No doubt Crawford will be along and put you right.


----------



## Deke (May 14, 2012)

Lamlash is good fun,if a bit hilly.It has some great elevated tees! I will going to Arran soon as well,I look forward to more posts.Have a nice break mate,it's a lovely wee island!


----------



## DelB (May 14, 2012)

patricks148 said:



			I can't remember the name of the course but it was a 12 holer that was by far thye best.
		
Click to expand...

The course you're talking about is Shiskine. Haven't played it, but the idea of visiting was mooted when we were in Machrihanish back in March.


----------



## DCB (May 15, 2012)

Shiskine is a cracker. A fine mix of holes and some interesting greens which always seem to be in good condition. You have to play here, even if it is just for the views. Some cracking holes, The Crows Nest, Himalayas and Hades are three of the most fun par3s I've ever played

As has been said, Lamlash is nice, a little hilly but good fun and some great views over Lamlash Bay. The wee 16th being a highlight hole IMO.
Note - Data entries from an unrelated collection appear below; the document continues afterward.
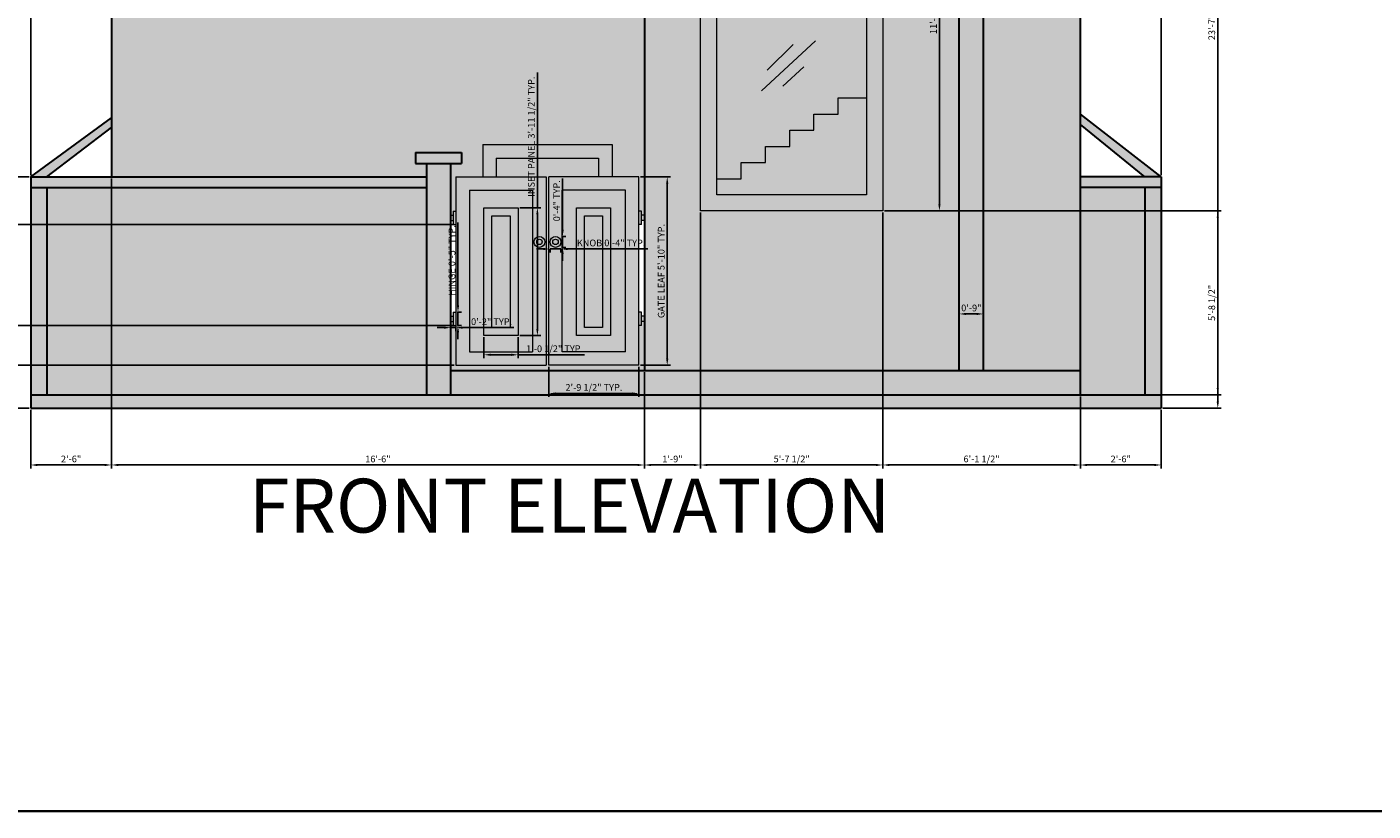
# Model space of a CAD drawing. Units: inches. Extents: x 6038 to 7543, y 3772 to 5131.
# Tile 2 of 14: x 6290 to 6790, y 3772 to 4063. Entities that reach past the tile are written whole.
import ezdxf

# ---------------------------------------------------------------- set-up
doc = ezdxf.new("R2010")
doc.units = ezdxf.units.IN
for name, color, linetype, lineweight in [('A-ANNO-DIMS', 4, 'Continuous', 18), ('A-ANNO-TITL', 3, 'Continuous', 30), ('A-ANNO-TTLB', 1, 'Continuous', 35), ('A-ELEV', 7, 'Continuous', 30), ('A-ELEV-DOOR-PATT', 209, 'Continuous', 13), ('A-ELEV-FRAM-PATT', 7, 'Continuous', 13), ('A-ELEV-GATE', 7, 'Continuous', 20), ('A-ELEV-GLAZ', 7, 'Continuous', 18), ('A-ELEV-STRS', 7, 'Continuous', 18)]:
    doc.layers.add(name, color=color, linetype=linetype, lineweight=lineweight)
for name, color, linetype, lineweight, true_color in [('A-ELEV-BASE-PATT', 253, 'Continuous', 13, 0xb4b5b6), ('A-ELEV-GLAZ-PATT', 141, 'Continuous', 13, 0xadddf7), ('A-ELEV-METL-PATT', 252, 'Continuous', 13, 0x939598), ('A-ELEV-PANL-PATT', 165, 'Continuous', 13, 0x5e67af), ('A-ELEV-TRIM-PATT', 85, 'Continuous', 13, 0x58ba48), ('A-ELEV-WALL-PATT', 11, 'Continuous', 13, 0xf27172)]:
    doc.layers.add(name, color=color, linetype=linetype, lineweight=lineweight, true_color=true_color)
doc.styles.get("Standard").update_dxf_attribs({"font": 'arial.ttf'})
doc.dimstyles.new('ISO-25', dxfattribs={"dimtxt": 2.5, "dimasz": 2.5, "dimexe": 1.25, "dimexo": 0.625, "dimtad": 1, "dimdec": 0, "dimlunit": 3, "dimtxsty": 'Standard', "dimcen": 2.5, "dimadec": 0, "dimazin": 0, "dimtfac": 1, "dimtdec": 0, "dimtmove": 0, "dimatfit": 3, "dimfxl": 1, "dimarcsym": 0})

# ---------------------------------------------------------------- blocks, each defined once
blk = doc.blocks.new('GATE-LEAF-FRAME-ELEV')
for p, q in [((0, 70), (0, 0)), ((0, 70), (33.5, 70)), ((33.5, 70), (33.5, 0)), ((5, 65), (5, 5)), ((5, 65), (28.5, 65)), ((28.5, 65), (28.5, 5)), ((5, 5), (28.5, 5)), ((0, 0), (33.5, 0))]:
    blk.add_line(p, q)
blk = doc.blocks.new('GATE-LEAF-INSET-ELEV')
for points in [[(0, 47.53), (12.73, 47.53), (12.73, 0), (0, 0)], [(3, 44.53), (9.73, 44.53), (9.73, 3), (3, 3)]]:
    blk.add_lwpolyline(points, close=True)
blk = doc.blocks.new('GATE-HINGE-ELEV')
for p, q in [((0, 3.5), (1, 3.5)), ((0, 1.5), (1, 1.5)), ((1, 5), (2, 5)), ((1, 5), (1, 0)), ((1, 0), (2, 0))]:
    blk.add_line(p, q)
blk = doc.blocks.new('GATE-KNOB-ELEV')
for radius in [2.03, 1.03]:
    blk.add_circle((2.03, 2.03), radius)
blk = doc.blocks.new('GLASS-MARK-TALL')
for p, q in [((0, 0), (20.02, 18.51)), ((2.13, 7.66), (11.71, 17.23)), ((7.88, 1.7), (15.76, 8.93))]:
    blk.add_line(p, q)
blk = doc.blocks.new('*D44')
at = {"layer": 'A-ANNO-DIMS', "color": 0, "lineweight": -2, "transparency": 16777216}
for p, q in [((6450.17, 3959.96), (6450.17, 3990.84)), ((6450.04, 3957.46), (6451.42, 3957.46)), ((6450.17, 3952.46), (6450.17, 3957.46)), ((6450.04, 3952.46), (6451.42, 3952.46)), ((6450.17, 3949.96), (6450.17, 3947.46))]:
    blk.add_line(p, q, dxfattribs=at)
at = {"layer": 'A-ANNO-DIMS', "color": 0, "transparency": 16777216}
for points in [[(6449.75, 3959.96), (6450.58, 3959.96), (6450.17, 3957.46)], [(6449.75, 3949.96), (6450.58, 3949.96), (6450.17, 3952.46)]]:
    blk.add_solid(points, dxfattribs=at)
at = {"layer": 'Defpoints', "color": 0, "transparency": 16777216}
for p in [(6449.42, 3957.46), (6450.17, 3957.46), (6449.42, 3952.46)]:
    blk.add_point(p, dxfattribs=at)
at = {"layer": 'A-ANNO-DIMS', "color": 0, "transparency": 16777216, "insert": (6448.25, 3976.65), "char_height": 2.5, "attachment_point": 5, "rotation": 90}
blk.add_mtext('HINGE 0\'-5" TYP.', dxfattribs=at)
blk = doc.blocks.new('*D45')
at = {"layer": 'A-ANNO-DIMS', "color": 0, "lineweight": -2, "transparency": 16777216}
for p, q in [((6444.92, 3951.71), (6442.42, 3951.71)), ((6447.42, 3951.83), (6447.42, 3950.46)), ((6447.42, 3951.71), (6449.42, 3951.71)), ((6449.42, 3951.83), (6449.42, 3950.46)), ((6451.92, 3951.71), (6470.91, 3951.71))]:
    blk.add_line(p, q, dxfattribs=at)
at = {"layer": 'A-ANNO-DIMS', "color": 0, "transparency": 16777216}
for points in [[(6444.92, 3952.13), (6444.92, 3951.29), (6447.42, 3951.71)], [(6451.92, 3952.13), (6451.92, 3951.29), (6449.42, 3951.71)]]:
    blk.add_solid(points, dxfattribs=at)
at = {"layer": 'Defpoints', "color": 0, "transparency": 16777216}
for p in [(6447.42, 3952.46), (6449.42, 3952.46), (6449.42, 3951.71)]:
    blk.add_point(p, dxfattribs=at)
at = {"layer": 'A-ANNO-DIMS', "color": 0, "transparency": 16777216, "insert": (6462.66, 3953.61), "char_height": 2.5, "attachment_point": 5}
blk.add_mtext('0\'-2" TYP.', dxfattribs=at)
blk = doc.blocks.new('*D46')
at = {"layer": 'A-ANNO-DIMS', "color": 0, "lineweight": -2, "transparency": 16777216}
for p, q in [((6518.04, 4007.75), (6529.17, 4007.75)), ((6527.92, 4005.25), (6527.92, 3940.25)), ((6518.04, 3937.75), (6529.17, 3937.75))]:
    blk.add_line(p, q, dxfattribs=at)
at = {"layer": 'A-ANNO-DIMS', "color": 0, "transparency": 16777216}
for points in [[(6527.5, 4005.25), (6528.33, 4005.25), (6527.92, 4007.75)], [(6527.5, 3940.25), (6528.33, 3940.25), (6527.92, 3937.75)]]:
    blk.add_solid(points, dxfattribs=at)
at = {"layer": 'Defpoints', "color": 0, "transparency": 16777216}
for p in [(6517.42, 4007.75), (6517.42, 3937.75), (6527.92, 3937.75)]:
    blk.add_point(p, dxfattribs=at)
at = {"layer": 'A-ANNO-DIMS', "color": 0, "transparency": 16777216, "insert": (6526, 3972.75), "char_height": 2.5, "attachment_point": 5, "rotation": 90}
blk.add_mtext('GATE LEAF 5\'-10" TYP.', dxfattribs=at)
blk = doc.blocks.new('*D47')
at = {"layer": 'A-ANNO-DIMS', "color": 0, "lineweight": -2, "transparency": 16777216}
for p, q in [((6483.92, 3937.12), (6483.92, 3926)), ((6517.42, 3937.12), (6517.42, 3926)), ((6514.92, 3927.25), (6486.42, 3927.25))]:
    blk.add_line(p, q, dxfattribs=at)
at = {"layer": 'A-ANNO-DIMS', "color": 0, "transparency": 16777216}
for points in [[(6486.42, 3927.66), (6486.42, 3926.83), (6483.92, 3927.25)], [(6514.92, 3927.66), (6514.92, 3926.83), (6517.42, 3927.25)]]:
    blk.add_solid(points, dxfattribs=at)
at = {"layer": 'Defpoints', "color": 0, "transparency": 16777216}
for p in [(6483.92, 3937.75), (6517.42, 3937.75), (6483.92, 3927.25)]:
    blk.add_point(p, dxfattribs=at)
at = {"layer": 'A-ANNO-DIMS', "color": 0, "transparency": 16777216, "insert": (6500.67, 3929.17), "char_height": 2.5, "attachment_point": 5}
blk.add_mtext('2\'-9 1/2" TYP.', dxfattribs=at)
blk = doc.blocks.new('*D48')
at = {"layer": 'A-ANNO-DIMS', "color": 0, "lineweight": -2, "transparency": 16777216}
for p, q in [((6479.67, 3996.29), (6479.67, 4046.54)), ((6473.17, 3996.29), (6480.92, 3996.29)), ((6479.67, 3951.26), (6479.67, 3993.79)), ((6473.17, 3948.76), (6480.92, 3948.76))]:
    blk.add_line(p, q, dxfattribs=at)
at = {"layer": 'A-ANNO-DIMS', "color": 0, "transparency": 16777216}
for points in [[(6479.25, 3993.79), (6480.09, 3993.79), (6479.67, 3996.29)], [(6479.25, 3951.26), (6480.09, 3951.26), (6479.67, 3948.76)]]:
    blk.add_solid(points, dxfattribs=at)
at = {"layer": 'Defpoints', "color": 0, "transparency": 16777216}
for p in [(6472.54, 3996.29), (6479.67, 3996.29), (6472.54, 3948.76)]:
    blk.add_point(p, dxfattribs=at)
at = {"layer": 'A-ANNO-DIMS', "color": 0, "transparency": 16777216, "insert": (6477.75, 4022.67), "char_height": 2.5, "attachment_point": 5, "rotation": 90}
blk.add_mtext('INSET PANEL 3\'-11 1/2" TYP.', dxfattribs=at)
blk = doc.blocks.new('*D49')
at = {"layer": 'A-ANNO-DIMS', "color": 0, "lineweight": -2, "transparency": 16777216}
for p, q in [((6459.81, 3948.14), (6459.81, 3940.38)), ((6472.54, 3948.14), (6472.54, 3940.38)), ((6462.31, 3941.63), (6470.04, 3941.63)), ((6472.54, 3941.63), (6497.12, 3941.63))]:
    blk.add_line(p, q, dxfattribs=at)
at = {"layer": 'A-ANNO-DIMS', "color": 0, "transparency": 16777216}
for points in [[(6462.31, 3942.05), (6462.31, 3941.22), (6459.81, 3941.63)], [(6470.04, 3942.05), (6470.04, 3941.22), (6472.54, 3941.63)]]:
    blk.add_solid(points, dxfattribs=at)
at = {"layer": 'Defpoints', "color": 0, "transparency": 16777216}
for p in [(6459.81, 3948.76), (6472.54, 3948.76), (6472.54, 3941.63)]:
    blk.add_point(p, dxfattribs=at)
at = {"layer": 'A-ANNO-DIMS', "color": 0, "transparency": 16777216, "insert": (6486.08, 3943.55), "char_height": 2.5, "attachment_point": 5}
blk.add_mtext('1\'-0 1/2" TYP.', dxfattribs=at)
blk = doc.blocks.new('*D50')
at = {"layer": 'A-ANNO-DIMS', "color": 0, "lineweight": -2, "transparency": 16777216}
for p, q in [((6481.87, 3980.94), (6479.37, 3980.94)), ((6484.37, 3980.94), (6488.44, 3980.94)), ((6484.37, 3980.92), (6484.37, 3979.69)), ((6488.44, 3980.92), (6488.44, 3979.69)), ((6490.94, 3980.94), (6520.69, 3980.94))]:
    blk.add_line(p, q, dxfattribs=at)
at = {"layer": 'A-ANNO-DIMS', "color": 0, "transparency": 16777216}
for points in [[(6481.87, 3981.35), (6481.87, 3980.52), (6484.37, 3980.94)], [(6490.94, 3981.35), (6490.94, 3980.52), (6488.44, 3980.94)]]:
    blk.add_solid(points, dxfattribs=at)
at = {"layer": 'Defpoints', "color": 0, "transparency": 16777216}
for p in [(6484.37, 3981.55), (6488.44, 3981.55), (6488.44, 3980.94)]:
    blk.add_point(p, dxfattribs=at)
at = {"layer": 'A-ANNO-DIMS', "color": 0, "transparency": 16777216, "insert": (6507.06, 3982.86), "char_height": 2.5, "attachment_point": 5}
blk.add_mtext('KNOB 0\'-4" TYP.', dxfattribs=at)
blk = doc.blocks.new('*D51')
at = {"layer": 'A-ANNO-DIMS', "color": 0, "lineweight": -2, "transparency": 16777216}
for p, q in [((6489.05, 3988.11), (6489.05, 4007.1)), ((6489.05, 3981.55), (6489.05, 3985.61)), ((6489.06, 3985.61), (6490.3, 3985.61)), ((6489.06, 3981.55), (6490.3, 3981.55)), ((6489.05, 3979.05), (6489.05, 3976.55))]:
    blk.add_line(p, q, dxfattribs=at)
at = {"layer": 'A-ANNO-DIMS', "color": 0, "transparency": 16777216}
for points in [[(6488.63, 3988.11), (6489.47, 3988.11), (6489.05, 3985.61)], [(6488.63, 3979.05), (6489.47, 3979.05), (6489.05, 3981.55)]]:
    blk.add_solid(points, dxfattribs=at)
at = {"layer": 'Defpoints', "color": 0, "transparency": 16777216}
for p in [(6488.44, 3985.61), (6488.44, 3981.55), (6489.05, 3985.61)]:
    blk.add_point(p, dxfattribs=at)
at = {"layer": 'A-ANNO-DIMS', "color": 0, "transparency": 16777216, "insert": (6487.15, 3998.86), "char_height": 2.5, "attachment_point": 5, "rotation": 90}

Brodick is worth a knock. It's plays along the shoreline and although not a true links course it's not a true parkland either. A nice mix of holes there as well. Some long strong par 3s that can wreck your card if you're not careful.

I'd not bother about Whiting bay, it's a bit of an acquired taste IMO.

Lovely place to spend a break. Hope the weather is kind to you.


----------



## Deke (May 15, 2012)

Hmmm,12 holes is a wierd set up,do they give you the option of playing one half of the course again to make up 18? Shiskine does look nice however,I will give it a go when I am back over there!


----------



## ADB (May 15, 2012)

Shiskine looks great fun - love the hole up the hill! 

Thanks for the suggestions so far.


----------



## thecraw (May 15, 2012)

Golf on Arran, Scotland in miniature is a fantastic experience. 

My personal favourite without a shadow of a doubt is Shiskine where the golf on offer is the most memorable experience ever as well as the best fun that you'll ever have on a golf course. It is simply phenomenal. 

There is not much to choose between Brodick and Lamlash golf clubs however I sway towards Brodick mainly due to the two fun par 3's that play over the Rosa burn. These are both great wee holes, especially when the tide is in. Brodick is so so for the first two, maybe three holes then it really livens up.

http://www.brodickgolf.com/pages.php/index.html 


Lamlash is also a nice track with stunning views over the Holy Isle and beyond to the Ayrshire Coast. Again it has some nice holes and a lovely clubhouse.

http://www.lamlashgolfclub.com/ 


Whiting Bay is also decent but in my opinion not as good as Lamlash and Brodick. Another I would recommend is Corrie Golf Club which is an absolutely cracking 9 holer with great views towards the Isle of Cumbrae and the "wee Cumbrae". It is also set under the watch of Goatfell, the highest mountain on the Island. Just watch out for Adders in the rough!

http://corriegolf.com/ 


Great Island, great golf, great local beer, I recommend the Arran Blonde.


----------



## ADB (May 15, 2012)

thecraw said:



			Golf on Arran, Scotland in miniature is a fantastic experience. 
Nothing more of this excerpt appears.